Wollen Sie wissen, was über 5 km möglich ist? Ziehen Sie von Ihrer errechneten 10-km-optimal-Zeit 1 min ab und teilen den Rest durch 2.

Mit diesen Formeln nach Toni Nett und Manfred Steffny können Sie an das Fein-Tuning Ihres Tempo-Trainings machen.

Üben Sie auf der Stadion-Rundbahn oder auf exakt abgemessener Asphaltstrecke mit Blick auf die Uhr das angestrebte Renntempo in kleinen Portionen.

Eine Variante ist das sogenannte Intervall-Training: Sie laufen 200 m (300m/400 m) im vorher errechneten Renntempo und als Erholungspause die gleiche Strecke im Jogging-Trab.

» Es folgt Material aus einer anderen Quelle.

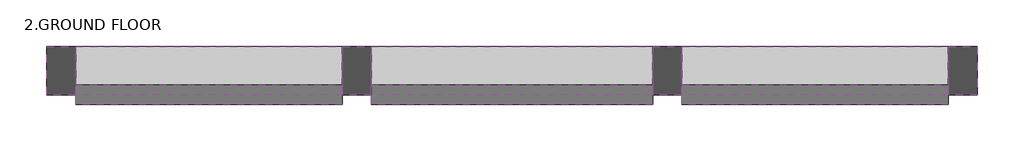
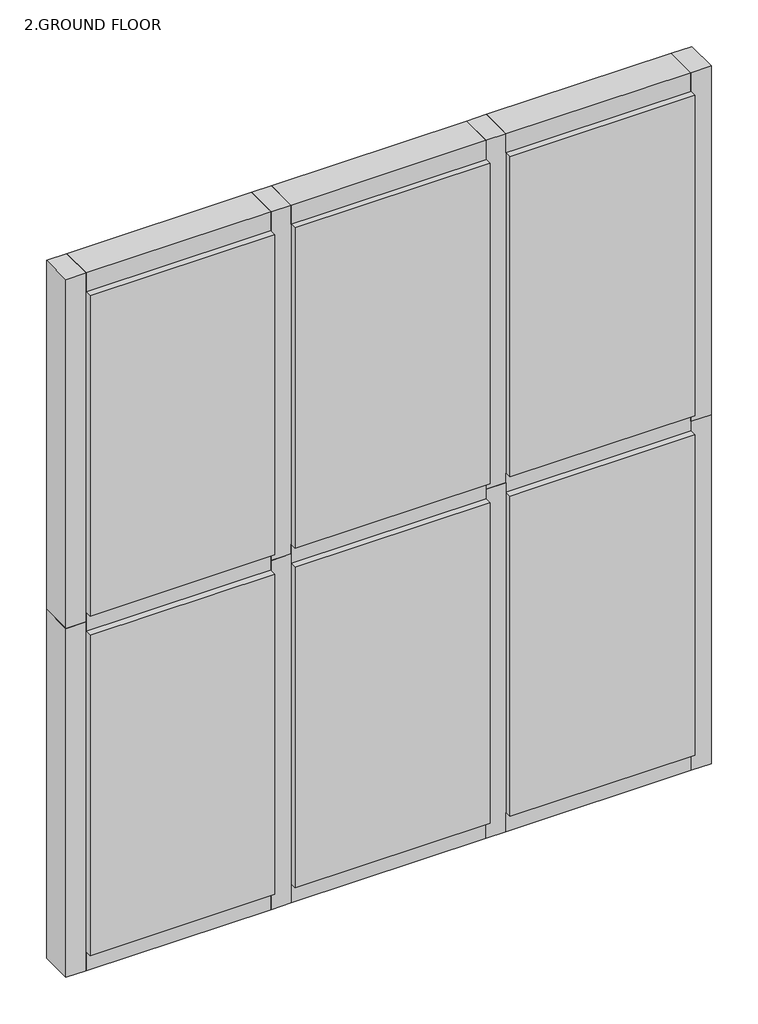
# One storey: 17 members, 6 plates.
"""IFC4 building model written with IfcOpenShell, lengths in millimetres."""

from ifc_helpers import new_model, si_unit, origin, place, context, project, spatial, transform, mapped, element, save
from components import member_07b5019b, member_85007bd8, member_4cd326a7, member_bec67f52, member_bebcb7d7, member_57040902, system_panel_glazed_c3a15102, system_panel_glazed_31ef28de

model = new_model("IFC4")

# Units and contexts
model_context = context("Model", 3, world=origin())
ifc_project = project(units=[si_unit("LENGTHUNIT", "METRE", prefix="MILLI")], contexts=[model_context])

# Site, building, storey
site = spatial("IfcSite", under=ifc_project)
building = spatial("IfcBuilding", under=site)
storey = spatial("IfcBuildingStorey", under=building, Name="2.GROUND FLOOR", Elevation=600.0)

# Members
placement = place(None, origin())
member_shape = member_07b5019b(model_context)
element("IfcMember", 1, ObjectType="Rectangular Mullion : 1.5\" x 2.5\" rectangular", at=placement, inside=storey, context=model_context, shape_type="MappedRepresentation", body=[
    mapped(member_shape, transform((2459.4463749, -5962.873087, 2745.0245486), x_axis=(0.0, 0.0, 1.0), y_axis=(0.0, 1.0, 0.0), z_axis=(-1.0, 0.0, 0.0))),
])
element("IfcMember", 2, ObjectType="Rectangular Mullion : 1.5\" x 2.5\" rectangular", at=placement, inside=storey, context=model_context, shape_type="MappedRepresentation", body=[
    mapped(member_shape, transform((3253.1963749, -5962.873087, 2745.0245486), x_axis=(0.0, 0.0, 1.0), y_axis=(0.0, 1.0, 0.0), z_axis=(-1.0, 0.0, 0.0))),
])
element("IfcMember", 3, ObjectType="Rectangular Mullion : 1.5\" x 2.5\" rectangular", at=placement, inside=storey, context=model_context, shape_type="MappedRepresentation", body=[
    mapped(member_shape, transform((3602.4463749, -5962.873087, 1351.6312076), x_axis=(0.0, 0.0, -1.0), y_axis=(0.0, 1.0, 0.0), z_axis=(1.0, 0.0, 0.0))),
])
element("IfcMember", 4, ObjectType="Rectangular Mullion : 1.5\" x 2.5\" rectangular", at=placement, inside=storey, context=model_context, shape_type="MappedRepresentation", body=[
    mapped(member_shape, transform((2808.6963749, -5962.873087, 1351.6312076), x_axis=(0.0, 0.0, -1.0), y_axis=(0.0, 1.0, 0.0), z_axis=(1.0, 0.0, 0.0))),
])
member_2_shape = member_85007bd8(model_context)
element("IfcMember", 5, ObjectType="Rectangular Mullion : 1.5\" x 2.5\" rectangular", at=placement, inside=storey, context=model_context, shape_type="MappedRepresentation", body=[
    mapped(member_2_shape, transform((2827.7463749, -5962.873087, 1351.6312076), x_axis=(-1.0, 0.0, 0.0), y_axis=(0.0, 1.0, 0.0), z_axis=(0.0, 0.0, -1.0))),
])
element("IfcMember", 6, ObjectType="Rectangular Mullion : 1.5\" x 2.5\" rectangular", at=placement, inside=storey, context=model_context, shape_type="MappedRepresentation", body=[
    mapped(member_2_shape, transform((3234.1463749, -5962.873087, 1351.6312076), x_axis=(-1.0, 0.0, 0.0), y_axis=(0.0, 1.0, 0.0), z_axis=(0.0, 0.0, -1.0))),
])
member_3_shape = member_4cd326a7(model_context)
element("IfcMember", 7, ObjectType="Rectangular Mullion : 1.5\" x 2.5\" rectangular", at=placement, inside=storey, context=model_context, shape_type="MappedRepresentation", body=[
    mapped(member_3_shape, transform((3253.1963749, -5962.873087, 2048.3278781), x_axis=(0.0, 0.0, 1.0), y_axis=(0.0, 1.0, 0.0), z_axis=(-1.0, 0.0, 0.0))),
])
element("IfcMember", 8, ObjectType="Rectangular Mullion : 1.5\" x 2.5\" rectangular", at=placement, inside=storey, context=model_context, shape_type="MappedRepresentation", body=[
    mapped(member_3_shape, transform((2459.4463749, -5962.873087, 2048.3278781), x_axis=(0.0, 0.0, 1.0), y_axis=(0.0, 1.0, 0.0), z_axis=(-1.0, 0.0, 0.0))),
])
member_4_shape = member_bec67f52(model_context)
element("IfcMember", 9, ObjectType="Rectangular Mullion : 1.5\" x 2.5\" rectangular", at=placement, inside=storey, context=model_context, shape_type="MappedRepresentation", body=[
    mapped(member_4_shape, transform((2846.7963749, -5962.873087, 2048.3278781), x_axis=(0.0, 0.0, 1.0), y_axis=(0.0, 1.0, 0.0), z_axis=(-1.0, 0.0, 0.0))),
])
member_5_shape = member_bebcb7d7(model_context)
element("IfcMember", 10, ObjectType="Rectangular Mullion : 1.5\" x 2.5\" rectangular", at=placement, inside=storey, context=model_context, shape_type="MappedRepresentation", body=[
    mapped(member_5_shape, transform((3215.0963749, -5962.873087, 1351.6312076), x_axis=(0.0, 0.0, -1.0), y_axis=(0.0, 1.0, 0.0), z_axis=(1.0, 0.0, 0.0))),
])
element("IfcMember", 11, ObjectType="Rectangular Mullion : 1.5\" x 2.5\" rectangular", at=placement, inside=storey, context=model_context, shape_type="MappedRepresentation", body=[
    mapped(member_5_shape, transform((2846.7963749, -5962.873087, 2745.0245486), x_axis=(0.0, 0.0, 1.0), y_axis=(0.0, 1.0, 0.0), z_axis=(-1.0, 0.0, 0.0))),
])
element("IfcMember", 12, ObjectType="Rectangular Mullion : 1.5\" x 2.5\" rectangular", at=placement, inside=storey, context=model_context, shape_type="MappedRepresentation", body=[
    mapped(member_2_shape, transform((2827.7463749, -5962.873087, 2048.3278781), x_axis=(-1.0, 0.0, 0.0), y_axis=(0.0, 1.0, 0.0), z_axis=(0.0, 0.0, -1.0))),
])
element("IfcMember", 13, ObjectType="Rectangular Mullion : 1.5\" x 2.5\" rectangular", at=placement, inside=storey, context=model_context, shape_type="MappedRepresentation", body=[
    mapped(member_2_shape, transform((3234.1463749, -5962.873087, 2048.3278781), x_axis=(-1.0, 0.0, 0.0), y_axis=(0.0, 1.0, 0.0), z_axis=(0.0, 0.0, -1.0))),
])
member_6_shape = member_57040902(model_context)
element("IfcMember", 14, ObjectType="Rectangular Mullion : 1.5\" x 2.5\" rectangular", at=placement, inside=storey, context=model_context, shape_type="MappedRepresentation", body=[
    mapped(member_6_shape, transform((3640.5463749, -5962.873087, 2745.0245486), x_axis=(1.0, 0.0, 0.0), y_axis=(0.0, 1.0, 0.0), z_axis=(0.0, 0.0, 1.0))),
])
element("IfcMember", 15, ObjectType="Rectangular Mullion : 1.5\" x 2.5\" rectangular", at=placement, inside=storey, context=model_context, shape_type="MappedRepresentation", body=[
    mapped(member_6_shape, transform((2421.3463749, -5962.873087, 1351.6312076), x_axis=(-1.0, 0.0, 0.0), y_axis=(0.0, 1.0, 0.0), z_axis=(0.0, 0.0, -1.0))),
])
element("IfcMember", 16, ObjectType="Rectangular Mullion : 1.5\" x 2.5\" rectangular", at=placement, inside=storey, context=model_context, shape_type="MappedRepresentation", body=[
    mapped(member_6_shape, transform((2421.3463749, -5962.873087, 2048.3278781), x_axis=(-1.0, 0.0, 0.0), y_axis=(0.0, 1.0, 0.0), z_axis=(0.0, 0.0, -1.0))),
])
element("IfcMember", 17, ObjectType="Rectangular Mullion : 1.5\" x 2.5\" rectangular", at=placement, inside=storey, context=model_context, shape_type="MappedRepresentation", body=[
    mapped(member_6_shape, transform((3640.5463749, -5962.873087, 2048.3278781), x_axis=(1.0, 0.0, 0.0), y_axis=(0.0, 1.0, 0.0), z_axis=(0.0, 0.0, 1.0))),
])

# Plates
system_panel_glazed_shape = system_panel_glazed_c3a15102(model_context)
element("IfcPlate", 18, ObjectType="System Panel : Glazed", at=placement, inside=storey, context=model_context, shape_type="MappedRepresentation", body=[
    mapped(system_panel_glazed_shape, transform((3427.8213749, -5962.873087, 1389.7312076), x_axis=(-1.0, 0.0, 0.0), y_axis=(0.0, -1.0, 0.0), z_axis=(0.0, 0.0, 1.0))),
])
element("IfcPlate", 19, ObjectType="System Panel : Glazed", at=placement, inside=storey, context=model_context, shape_type="MappedRepresentation", body=[
    mapped(system_panel_glazed_shape, transform((2634.0713749, -5962.873087, 1389.7312076), x_axis=(-1.0, 0.0, 0.0), y_axis=(0.0, -1.0, 0.0), z_axis=(0.0, 0.0, 1.0))),
])
element("IfcPlate", 20, ObjectType="System Panel : Glazed", at=placement, inside=storey, context=model_context, shape_type="MappedRepresentation", body=[
    mapped(system_panel_glazed_shape, transform((3427.8213749, -5962.873087, 2067.3778781), x_axis=(-1.0, 0.0, 0.0), y_axis=(0.0, -1.0, 0.0), z_axis=(0.0, 0.0, 1.0))),
])
element("IfcPlate", 21, ObjectType="System Panel : Glazed", at=placement, inside=storey, context=model_context, shape_type="MappedRepresentation", body=[
    mapped(system_panel_glazed_shape, transform((2634.0713749, -5962.873087, 2067.3778781), x_axis=(-1.0, 0.0, 0.0), y_axis=(0.0, -1.0, 0.0), z_axis=(0.0, 0.0, 1.0))),
])
system_panel_glazed_2_shape = system_panel_glazed_31ef28de(model_context)
element("IfcPlate", 22, ObjectType="System Panel : Glazed", at=placement, inside=storey, context=model_context, shape_type="MappedRepresentation", body=[
    mapped(system_panel_glazed_2_shape, transform((3030.9463749, -5962.873087, 1389.7312076), x_axis=(-1.0, 0.0, 0.0), y_axis=(0.0, -1.0, 0.0), z_axis=(0.0, 0.0, 1.0))),
])
element("IfcPlate", 23, ObjectType="System Panel : Glazed", at=placement, inside=storey, context=model_context, shape_type="MappedRepresentation", body=[
    mapped(system_panel_glazed_2_shape, transform((3030.9463749, -5962.873087, 2067.3778781), x_axis=(-1.0, 0.0, 0.0), y_axis=(0.0, -1.0, 0.0), z_axis=(0.0, 0.0, 1.0))),
])

save(model, "model.ifc")

# Revit data of these elements
# Type "Rectangular Mullion : 1.5\" x 2.5\" rectangular"
#   built-in parameter 1007304 = 0.208333 (stored number, unit not read)
#   built-in parameter 1007301 = 0.0625 (stored number, unit not read)
#   built-in parameter 1007300 = 0.0625 (stored number, unit not read)
# Type "System Panel : Glazed"
#   Construction Type Id = "GSP4R"
#   Analytic Construction = "1/8 in Pilkington single glazing"
#   Visual Light Transmittance = 0.9
#   Solar Heat Gain Coefficient = 0.86
#   Heat Transfer Coefficient (U) = 1.18115 BTU/(h·ft²·°F)
#   Define Thermal Properties by = 1
# Elements 1, 2, 3, 4, 5, 6, 7, 8, 9, 10, 11, 12, 13, 14, 15, 16, 17 (IfcMember, "Rectangular Mullion : 1.5\" x 2.5\" rectangular")
#   Phase Created = New Construction
#   Materials on its faces: "Damp-proofing"
# Elements 18, 19, 20, 21, 22, 23 (IfcPlate, "System Panel : Glazed")
#   Phase Created = New Construction
#   Materials on its faces: "Glass"
# Materials
#   "Damp-proofing": class "Generic", colour RGB 127 127 127, transparency 0, Description = "Damp-proofing", Cost = 0
#   "Glass": class "Glass", colour RGB 0 128 192, transparency 0.75, Description = "Soda Lime Glass", Cost = 0

Eine zweite Variante sind sogenannte Wiederholungsläufe:
Laufen Sie 1.000 m (500/1.500/2.000/ 3.000 m) im angestrebten Renntempo und anschließend 5 bis 10 min im Jogging-Tempo weiter, bis Sie gut erholt die nächste Belastung angehen.
Für beide Formen des Erlernens der Renngeschwindigkeit gilt: Die Strecken-Summe der Belastungen sollte maximal 80% der Wettkampflänge ausmachen. Also für ein 5-km-Rennen maximal 4.000 m, für ein 10-km-Rennen maximal 8.000 m. Für den Halbmarathon sollte die gesamte Belastungslänge nicht mehr als 12 km betragen.

10. Im Alter längere Erholungspausen

Ein Trainingsreiz führt nur dann zur Verbesserung, wenn dem Körper nach Belastungen ausreichend Zeit gegeben wird, um den Reiz zu verarbeiten.
Zu den Binsenweisheiten der Trainingslehre gehört inzwischen das „One day easy – one day hard“-Prinzip von Bill Bowermann und seinen britischen Vorgängern. Sprich: Niemals an zwei Tagen hintereinander hartes Training!

Im Alter über 40 reichen oft 48 Stunden nicht aus, um sich von einem belastenden Training komplett zu erholen. Zu den typischen Veränderungen des Alterns gehört auch die Verlängerung der Regenerationsdauer. Packen Sie nicht zuviele schnelle Läufe in Ihre Trainingswoche. Machen Sie es trotzdem, werden Sie langsamer statt schneller! Das Tempo-Pensum, das ein „junger Hüpfer“(= unter 30) in einer Woche verträgt und zu besseren Wettkampfergebnissen führt, kann für einen Menschen über 40 bereits Raubbau am Körper bedeuten.

Haben Sie sich Wettkampf-Tempo für einen Trainingslauf vorgenommen und Ihre Beine fühlen sich bleischwer an, so lassen Sie es sein! Laufen Sie lieber einen langsamen Dauerlauf oder legen Sie die Beine hoch. Die vorgenommene Einheit vertagen Sie um 1-3 Tage. Machen Sie sich keinen unnötigen Stress.

Sie können nicht mit Gewalt schneller werden – nur mit Bedacht!